# What does GDM startup that other display managers don't



## tmd3vt (Nov 19, 2021)

Does anyone know what GDM is starting up that the other display managers may not be?  

 I have been fighting through the amdgpu setup.  I can only get rawtherapee to work if gdm is used, or I use vesa or a different older video card.  Slim, sddm, or startx do not work.  The program crashes otherwise.  https://bugs.freebsd.org/bugzilla/show_bug.cgi?id=257255 

I got dri3 turned off using below in my xorg.conf.  Trying to set LIBGL_DRI3_DISABLE=1 in login.conf has not worked even though it is displayed in my environment variables.  So if anyone has another suggestion there too that would be helpful.
     Option        "DRI" "2"
    Driver        "amdgpu"

So if I can figure out what GDM is doing when it starts up maybe I can narrow in on the problem.  Any suggestions?

Thanks!


----------



## Alain De Vos (Nov 19, 2021)

Try option "AccelMethod" "EXA"
(instead of glamor)
And remove the driver line (there is no need for it)


----------



## tmd3vt (Nov 20, 2021)

That fixed the mode setting program.
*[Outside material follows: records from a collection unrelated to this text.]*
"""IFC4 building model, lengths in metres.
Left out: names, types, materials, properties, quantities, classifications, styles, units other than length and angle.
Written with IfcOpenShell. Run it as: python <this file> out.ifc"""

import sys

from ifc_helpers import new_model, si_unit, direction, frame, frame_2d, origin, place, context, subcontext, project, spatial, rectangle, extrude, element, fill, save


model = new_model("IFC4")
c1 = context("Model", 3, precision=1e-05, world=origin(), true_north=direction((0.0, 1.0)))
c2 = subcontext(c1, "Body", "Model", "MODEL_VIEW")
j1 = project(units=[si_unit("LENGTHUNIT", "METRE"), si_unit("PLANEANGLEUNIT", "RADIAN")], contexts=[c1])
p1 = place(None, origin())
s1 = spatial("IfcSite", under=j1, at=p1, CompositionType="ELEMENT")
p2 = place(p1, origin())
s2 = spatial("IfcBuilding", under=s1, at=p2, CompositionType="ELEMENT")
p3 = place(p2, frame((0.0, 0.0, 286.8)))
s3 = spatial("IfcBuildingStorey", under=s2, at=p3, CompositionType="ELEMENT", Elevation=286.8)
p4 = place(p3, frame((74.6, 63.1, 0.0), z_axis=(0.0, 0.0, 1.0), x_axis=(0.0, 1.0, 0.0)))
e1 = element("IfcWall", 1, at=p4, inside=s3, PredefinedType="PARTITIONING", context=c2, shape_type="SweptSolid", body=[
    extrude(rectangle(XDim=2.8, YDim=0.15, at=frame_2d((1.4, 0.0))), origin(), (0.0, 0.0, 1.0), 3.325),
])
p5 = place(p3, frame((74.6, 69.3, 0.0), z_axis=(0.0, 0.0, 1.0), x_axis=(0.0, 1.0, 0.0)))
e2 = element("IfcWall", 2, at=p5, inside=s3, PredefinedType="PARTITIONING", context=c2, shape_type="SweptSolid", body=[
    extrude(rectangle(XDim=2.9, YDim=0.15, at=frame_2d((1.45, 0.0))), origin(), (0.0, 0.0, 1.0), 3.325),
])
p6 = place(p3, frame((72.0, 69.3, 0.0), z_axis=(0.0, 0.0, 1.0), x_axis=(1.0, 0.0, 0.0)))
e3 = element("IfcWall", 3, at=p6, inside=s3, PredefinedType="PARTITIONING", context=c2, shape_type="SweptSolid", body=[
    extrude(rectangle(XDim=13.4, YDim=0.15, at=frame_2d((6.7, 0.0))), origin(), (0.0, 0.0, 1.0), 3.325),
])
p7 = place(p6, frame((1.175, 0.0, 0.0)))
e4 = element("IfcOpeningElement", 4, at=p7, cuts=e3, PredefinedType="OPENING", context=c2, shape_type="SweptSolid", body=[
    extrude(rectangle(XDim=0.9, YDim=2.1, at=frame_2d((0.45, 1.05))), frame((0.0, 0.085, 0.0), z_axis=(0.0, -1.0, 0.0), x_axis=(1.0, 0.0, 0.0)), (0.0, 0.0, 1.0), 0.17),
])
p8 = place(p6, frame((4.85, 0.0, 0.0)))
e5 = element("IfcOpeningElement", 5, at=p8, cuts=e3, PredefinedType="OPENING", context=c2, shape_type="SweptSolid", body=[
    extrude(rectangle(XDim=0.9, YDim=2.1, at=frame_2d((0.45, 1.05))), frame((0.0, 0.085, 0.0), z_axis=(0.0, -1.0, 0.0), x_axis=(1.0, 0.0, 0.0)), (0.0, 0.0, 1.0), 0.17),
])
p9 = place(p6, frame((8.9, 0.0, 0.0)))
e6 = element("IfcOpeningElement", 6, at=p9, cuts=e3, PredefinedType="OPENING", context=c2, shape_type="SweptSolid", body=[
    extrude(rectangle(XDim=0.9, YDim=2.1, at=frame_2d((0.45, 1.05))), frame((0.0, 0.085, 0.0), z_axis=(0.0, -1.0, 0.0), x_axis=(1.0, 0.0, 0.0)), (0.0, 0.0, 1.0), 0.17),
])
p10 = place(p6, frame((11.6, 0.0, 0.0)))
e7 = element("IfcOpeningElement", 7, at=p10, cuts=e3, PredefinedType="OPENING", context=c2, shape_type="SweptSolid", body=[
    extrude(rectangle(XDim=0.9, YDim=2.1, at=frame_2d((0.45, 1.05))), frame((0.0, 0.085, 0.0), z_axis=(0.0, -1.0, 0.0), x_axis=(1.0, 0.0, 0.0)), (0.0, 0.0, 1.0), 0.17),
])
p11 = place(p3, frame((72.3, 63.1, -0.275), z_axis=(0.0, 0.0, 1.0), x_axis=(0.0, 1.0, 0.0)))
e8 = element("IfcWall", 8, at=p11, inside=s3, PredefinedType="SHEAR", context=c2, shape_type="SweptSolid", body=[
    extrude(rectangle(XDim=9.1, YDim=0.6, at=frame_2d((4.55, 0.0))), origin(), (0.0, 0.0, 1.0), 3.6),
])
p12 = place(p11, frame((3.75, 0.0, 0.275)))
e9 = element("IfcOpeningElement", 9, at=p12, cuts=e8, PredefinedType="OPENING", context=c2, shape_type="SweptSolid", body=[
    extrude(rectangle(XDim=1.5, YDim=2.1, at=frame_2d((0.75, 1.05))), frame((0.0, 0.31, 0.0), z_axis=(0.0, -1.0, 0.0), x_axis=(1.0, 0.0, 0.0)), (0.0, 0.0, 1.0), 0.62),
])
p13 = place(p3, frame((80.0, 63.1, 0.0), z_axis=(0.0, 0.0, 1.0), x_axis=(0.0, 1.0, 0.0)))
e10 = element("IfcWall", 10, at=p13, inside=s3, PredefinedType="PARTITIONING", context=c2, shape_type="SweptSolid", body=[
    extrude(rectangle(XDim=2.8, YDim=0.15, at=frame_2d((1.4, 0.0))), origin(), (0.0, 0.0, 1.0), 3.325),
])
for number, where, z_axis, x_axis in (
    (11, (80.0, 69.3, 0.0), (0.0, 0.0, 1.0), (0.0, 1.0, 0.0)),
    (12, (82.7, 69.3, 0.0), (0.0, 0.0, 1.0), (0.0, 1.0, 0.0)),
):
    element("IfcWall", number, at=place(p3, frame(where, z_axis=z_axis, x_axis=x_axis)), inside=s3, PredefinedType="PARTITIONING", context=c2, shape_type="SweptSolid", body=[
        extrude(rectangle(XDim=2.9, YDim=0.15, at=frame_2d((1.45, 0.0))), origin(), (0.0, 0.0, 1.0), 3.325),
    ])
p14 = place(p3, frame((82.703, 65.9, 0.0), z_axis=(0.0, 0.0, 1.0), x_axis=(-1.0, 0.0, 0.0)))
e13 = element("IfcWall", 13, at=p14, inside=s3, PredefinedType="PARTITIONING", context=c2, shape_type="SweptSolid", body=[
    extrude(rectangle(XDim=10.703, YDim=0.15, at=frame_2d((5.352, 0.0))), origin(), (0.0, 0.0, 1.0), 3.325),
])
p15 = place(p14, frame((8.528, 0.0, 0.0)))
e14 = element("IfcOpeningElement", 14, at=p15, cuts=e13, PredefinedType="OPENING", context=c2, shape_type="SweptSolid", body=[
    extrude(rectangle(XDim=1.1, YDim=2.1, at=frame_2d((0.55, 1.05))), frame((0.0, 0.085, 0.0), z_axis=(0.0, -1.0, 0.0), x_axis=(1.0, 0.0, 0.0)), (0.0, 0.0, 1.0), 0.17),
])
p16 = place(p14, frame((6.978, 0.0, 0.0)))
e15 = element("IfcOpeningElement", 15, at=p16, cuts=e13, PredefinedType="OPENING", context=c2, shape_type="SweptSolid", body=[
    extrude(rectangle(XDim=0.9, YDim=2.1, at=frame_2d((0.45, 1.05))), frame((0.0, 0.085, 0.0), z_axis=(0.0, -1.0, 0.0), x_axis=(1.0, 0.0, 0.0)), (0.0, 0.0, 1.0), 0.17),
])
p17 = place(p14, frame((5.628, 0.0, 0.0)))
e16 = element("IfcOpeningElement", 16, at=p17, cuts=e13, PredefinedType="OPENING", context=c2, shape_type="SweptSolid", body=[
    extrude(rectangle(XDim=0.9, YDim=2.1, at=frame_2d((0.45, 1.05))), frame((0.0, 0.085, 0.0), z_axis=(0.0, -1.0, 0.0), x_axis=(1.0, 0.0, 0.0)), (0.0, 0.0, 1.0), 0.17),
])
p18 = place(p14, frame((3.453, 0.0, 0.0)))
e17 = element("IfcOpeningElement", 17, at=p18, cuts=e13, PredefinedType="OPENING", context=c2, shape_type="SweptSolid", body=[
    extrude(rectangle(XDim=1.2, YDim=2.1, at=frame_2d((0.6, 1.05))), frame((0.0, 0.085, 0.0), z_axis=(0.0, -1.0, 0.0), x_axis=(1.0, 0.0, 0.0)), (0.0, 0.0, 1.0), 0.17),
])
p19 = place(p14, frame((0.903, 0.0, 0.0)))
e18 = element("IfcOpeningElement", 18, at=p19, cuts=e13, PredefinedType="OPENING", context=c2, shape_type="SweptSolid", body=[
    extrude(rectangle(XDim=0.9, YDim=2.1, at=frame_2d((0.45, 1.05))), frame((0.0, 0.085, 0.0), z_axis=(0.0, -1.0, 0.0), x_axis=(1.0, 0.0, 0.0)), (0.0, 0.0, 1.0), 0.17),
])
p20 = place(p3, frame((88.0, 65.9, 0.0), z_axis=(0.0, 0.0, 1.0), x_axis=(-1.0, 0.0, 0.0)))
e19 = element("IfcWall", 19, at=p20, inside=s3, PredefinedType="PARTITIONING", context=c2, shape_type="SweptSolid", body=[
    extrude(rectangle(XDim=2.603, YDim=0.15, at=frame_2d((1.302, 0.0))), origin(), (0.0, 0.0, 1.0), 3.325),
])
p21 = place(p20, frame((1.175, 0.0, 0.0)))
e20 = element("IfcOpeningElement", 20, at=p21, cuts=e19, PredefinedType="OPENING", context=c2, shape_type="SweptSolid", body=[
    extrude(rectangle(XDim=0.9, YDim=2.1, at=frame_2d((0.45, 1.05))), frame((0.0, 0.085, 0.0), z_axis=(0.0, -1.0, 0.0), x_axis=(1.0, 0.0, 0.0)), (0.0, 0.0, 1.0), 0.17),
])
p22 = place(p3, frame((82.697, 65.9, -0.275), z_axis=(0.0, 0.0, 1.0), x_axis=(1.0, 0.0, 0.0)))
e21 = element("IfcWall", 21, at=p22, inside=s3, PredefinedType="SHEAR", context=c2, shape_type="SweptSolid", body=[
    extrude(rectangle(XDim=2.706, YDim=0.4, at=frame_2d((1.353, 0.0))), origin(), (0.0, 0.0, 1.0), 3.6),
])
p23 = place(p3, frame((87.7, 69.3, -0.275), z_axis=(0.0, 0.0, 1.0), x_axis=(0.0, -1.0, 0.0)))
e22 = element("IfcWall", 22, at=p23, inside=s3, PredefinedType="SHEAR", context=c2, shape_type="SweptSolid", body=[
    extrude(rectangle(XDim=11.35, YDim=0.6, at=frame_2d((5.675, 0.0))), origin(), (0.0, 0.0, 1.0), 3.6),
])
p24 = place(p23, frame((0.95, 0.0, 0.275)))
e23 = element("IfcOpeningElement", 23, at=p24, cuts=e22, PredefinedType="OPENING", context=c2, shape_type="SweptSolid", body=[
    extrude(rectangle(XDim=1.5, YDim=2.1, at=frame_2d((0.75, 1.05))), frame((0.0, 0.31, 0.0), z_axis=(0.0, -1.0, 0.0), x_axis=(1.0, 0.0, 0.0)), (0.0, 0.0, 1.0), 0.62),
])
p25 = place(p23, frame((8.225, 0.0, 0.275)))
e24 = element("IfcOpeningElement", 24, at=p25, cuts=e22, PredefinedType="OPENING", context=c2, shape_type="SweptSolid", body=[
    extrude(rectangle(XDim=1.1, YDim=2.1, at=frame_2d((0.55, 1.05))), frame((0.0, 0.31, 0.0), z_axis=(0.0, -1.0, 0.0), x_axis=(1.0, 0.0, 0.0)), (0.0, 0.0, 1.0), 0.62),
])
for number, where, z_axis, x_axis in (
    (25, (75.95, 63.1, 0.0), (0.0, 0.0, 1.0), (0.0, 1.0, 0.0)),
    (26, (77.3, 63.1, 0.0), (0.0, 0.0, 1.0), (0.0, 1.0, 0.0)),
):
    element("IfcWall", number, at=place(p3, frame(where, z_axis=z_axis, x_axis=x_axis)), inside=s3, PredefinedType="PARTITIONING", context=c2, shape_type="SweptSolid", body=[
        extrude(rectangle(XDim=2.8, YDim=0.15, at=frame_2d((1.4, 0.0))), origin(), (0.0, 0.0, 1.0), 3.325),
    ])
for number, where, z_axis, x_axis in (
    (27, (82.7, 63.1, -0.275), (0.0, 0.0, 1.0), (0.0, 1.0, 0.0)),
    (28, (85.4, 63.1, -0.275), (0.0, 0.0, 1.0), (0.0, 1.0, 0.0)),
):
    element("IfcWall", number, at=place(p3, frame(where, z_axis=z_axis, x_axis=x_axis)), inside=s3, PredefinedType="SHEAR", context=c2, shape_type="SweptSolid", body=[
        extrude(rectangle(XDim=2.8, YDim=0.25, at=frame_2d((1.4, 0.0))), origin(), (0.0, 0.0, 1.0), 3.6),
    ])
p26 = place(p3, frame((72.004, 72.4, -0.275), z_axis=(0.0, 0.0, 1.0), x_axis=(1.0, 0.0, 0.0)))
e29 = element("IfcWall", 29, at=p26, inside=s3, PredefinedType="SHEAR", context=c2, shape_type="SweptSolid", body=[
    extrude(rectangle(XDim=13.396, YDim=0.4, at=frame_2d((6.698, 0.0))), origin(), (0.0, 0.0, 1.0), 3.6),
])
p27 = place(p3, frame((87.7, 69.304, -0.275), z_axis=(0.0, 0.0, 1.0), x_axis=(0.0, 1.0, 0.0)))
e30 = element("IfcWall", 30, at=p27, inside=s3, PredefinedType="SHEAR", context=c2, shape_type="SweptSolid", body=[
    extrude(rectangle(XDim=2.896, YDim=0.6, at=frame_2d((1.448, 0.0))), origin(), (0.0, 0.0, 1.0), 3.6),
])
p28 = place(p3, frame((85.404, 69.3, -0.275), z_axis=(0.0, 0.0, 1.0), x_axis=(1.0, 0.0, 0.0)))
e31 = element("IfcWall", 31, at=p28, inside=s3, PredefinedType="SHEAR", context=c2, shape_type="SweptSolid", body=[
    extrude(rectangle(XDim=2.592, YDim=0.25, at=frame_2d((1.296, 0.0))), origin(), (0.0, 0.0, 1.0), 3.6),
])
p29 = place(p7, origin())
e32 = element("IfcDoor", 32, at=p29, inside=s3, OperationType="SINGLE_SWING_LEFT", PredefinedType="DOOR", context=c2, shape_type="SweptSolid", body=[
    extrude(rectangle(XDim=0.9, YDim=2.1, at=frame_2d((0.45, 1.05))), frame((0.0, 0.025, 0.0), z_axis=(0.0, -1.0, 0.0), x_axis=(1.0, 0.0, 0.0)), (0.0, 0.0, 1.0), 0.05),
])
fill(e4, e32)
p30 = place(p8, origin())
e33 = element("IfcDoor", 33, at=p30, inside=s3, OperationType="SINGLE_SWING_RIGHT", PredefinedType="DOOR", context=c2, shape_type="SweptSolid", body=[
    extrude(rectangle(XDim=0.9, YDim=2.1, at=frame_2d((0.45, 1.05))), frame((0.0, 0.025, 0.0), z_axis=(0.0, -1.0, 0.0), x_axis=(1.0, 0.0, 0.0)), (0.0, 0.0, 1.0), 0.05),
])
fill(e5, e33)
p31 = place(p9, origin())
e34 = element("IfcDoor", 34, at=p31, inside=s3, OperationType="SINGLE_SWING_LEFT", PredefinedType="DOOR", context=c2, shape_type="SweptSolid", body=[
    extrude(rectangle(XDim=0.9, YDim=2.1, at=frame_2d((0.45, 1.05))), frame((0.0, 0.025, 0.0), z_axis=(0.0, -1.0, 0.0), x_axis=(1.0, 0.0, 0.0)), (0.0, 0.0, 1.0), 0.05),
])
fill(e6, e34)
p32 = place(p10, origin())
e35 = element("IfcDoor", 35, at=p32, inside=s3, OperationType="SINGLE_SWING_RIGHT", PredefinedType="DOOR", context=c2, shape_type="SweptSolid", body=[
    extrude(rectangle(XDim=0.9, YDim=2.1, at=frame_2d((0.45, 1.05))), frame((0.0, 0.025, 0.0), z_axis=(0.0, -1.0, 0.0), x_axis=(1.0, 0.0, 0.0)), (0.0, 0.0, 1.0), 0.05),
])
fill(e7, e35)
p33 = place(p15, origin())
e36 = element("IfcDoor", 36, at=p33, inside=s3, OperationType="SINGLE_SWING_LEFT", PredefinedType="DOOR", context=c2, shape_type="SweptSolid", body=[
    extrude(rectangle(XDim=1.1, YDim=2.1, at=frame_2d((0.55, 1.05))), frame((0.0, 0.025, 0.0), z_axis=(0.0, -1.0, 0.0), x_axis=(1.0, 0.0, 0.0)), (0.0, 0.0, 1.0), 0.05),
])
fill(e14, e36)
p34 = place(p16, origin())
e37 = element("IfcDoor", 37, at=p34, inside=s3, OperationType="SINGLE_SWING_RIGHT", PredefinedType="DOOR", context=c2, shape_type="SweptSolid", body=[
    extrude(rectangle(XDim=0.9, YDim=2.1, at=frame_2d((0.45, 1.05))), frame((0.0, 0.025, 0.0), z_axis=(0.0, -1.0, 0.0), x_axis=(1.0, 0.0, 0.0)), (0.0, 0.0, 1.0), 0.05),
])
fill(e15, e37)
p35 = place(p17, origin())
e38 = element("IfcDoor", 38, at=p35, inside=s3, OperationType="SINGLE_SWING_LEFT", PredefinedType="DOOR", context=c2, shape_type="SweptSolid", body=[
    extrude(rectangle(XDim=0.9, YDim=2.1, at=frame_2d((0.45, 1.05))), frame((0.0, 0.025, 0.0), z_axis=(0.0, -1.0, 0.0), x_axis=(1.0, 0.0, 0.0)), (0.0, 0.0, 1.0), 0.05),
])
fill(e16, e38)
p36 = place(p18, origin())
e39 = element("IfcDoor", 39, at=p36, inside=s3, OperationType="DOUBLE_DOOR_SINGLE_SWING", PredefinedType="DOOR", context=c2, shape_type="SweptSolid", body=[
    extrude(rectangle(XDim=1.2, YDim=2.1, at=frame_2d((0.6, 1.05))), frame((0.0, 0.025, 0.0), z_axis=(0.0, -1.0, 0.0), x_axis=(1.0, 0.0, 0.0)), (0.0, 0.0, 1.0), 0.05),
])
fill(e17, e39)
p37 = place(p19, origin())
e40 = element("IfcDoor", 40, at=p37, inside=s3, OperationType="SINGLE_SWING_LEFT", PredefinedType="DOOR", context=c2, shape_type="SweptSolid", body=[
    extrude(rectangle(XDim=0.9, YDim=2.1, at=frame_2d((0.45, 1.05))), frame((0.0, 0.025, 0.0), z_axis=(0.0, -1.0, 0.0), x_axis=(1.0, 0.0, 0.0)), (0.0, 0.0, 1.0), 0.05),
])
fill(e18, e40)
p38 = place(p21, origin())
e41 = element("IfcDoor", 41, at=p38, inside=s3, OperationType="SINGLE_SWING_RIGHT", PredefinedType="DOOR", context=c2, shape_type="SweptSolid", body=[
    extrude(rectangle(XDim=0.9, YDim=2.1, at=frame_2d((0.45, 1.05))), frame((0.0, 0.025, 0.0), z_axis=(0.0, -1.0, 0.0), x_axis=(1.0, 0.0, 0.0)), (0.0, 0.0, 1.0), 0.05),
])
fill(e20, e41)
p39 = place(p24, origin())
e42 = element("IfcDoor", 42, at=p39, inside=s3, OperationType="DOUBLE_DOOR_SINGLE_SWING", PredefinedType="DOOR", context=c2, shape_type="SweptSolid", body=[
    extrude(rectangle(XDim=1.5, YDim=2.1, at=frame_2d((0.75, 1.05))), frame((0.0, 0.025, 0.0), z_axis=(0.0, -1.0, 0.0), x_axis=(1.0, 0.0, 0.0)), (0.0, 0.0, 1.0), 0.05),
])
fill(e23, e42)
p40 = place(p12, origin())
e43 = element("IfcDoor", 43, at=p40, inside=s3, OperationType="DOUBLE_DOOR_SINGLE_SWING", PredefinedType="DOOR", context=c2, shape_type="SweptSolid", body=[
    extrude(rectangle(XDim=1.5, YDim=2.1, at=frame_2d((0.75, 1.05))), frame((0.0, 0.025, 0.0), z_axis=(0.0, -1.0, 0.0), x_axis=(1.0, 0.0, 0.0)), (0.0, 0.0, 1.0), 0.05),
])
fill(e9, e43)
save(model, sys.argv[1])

Thank you!  I wonder why I couldn't find that anywhere. 
Rawtherapee still only works when I use gdm. I am still trying to figure out what gdm initializes when it starts in contrast to slim or sddm.


----------



## tmd3vt (Nov 24, 2021)

I can't explain it but setting these variables in my environment made things work correctly.

LANG="en_US.UTF-8"
LC_CTYPE="en_US.UTF-8"
LC_MESSAGES="en_US.UTF-8"

I compared the "env" output with gdm and starting from startx and added all the environment variables included in the gdm session into my .cshrc.  Through the process of elimination I found these made rawtherapee not crash.  These just happen to also be in the gdm locale.conf file in /usr/local/etc/gdm.  

Thanks for your help and I hope this helps someone else down the line!


----------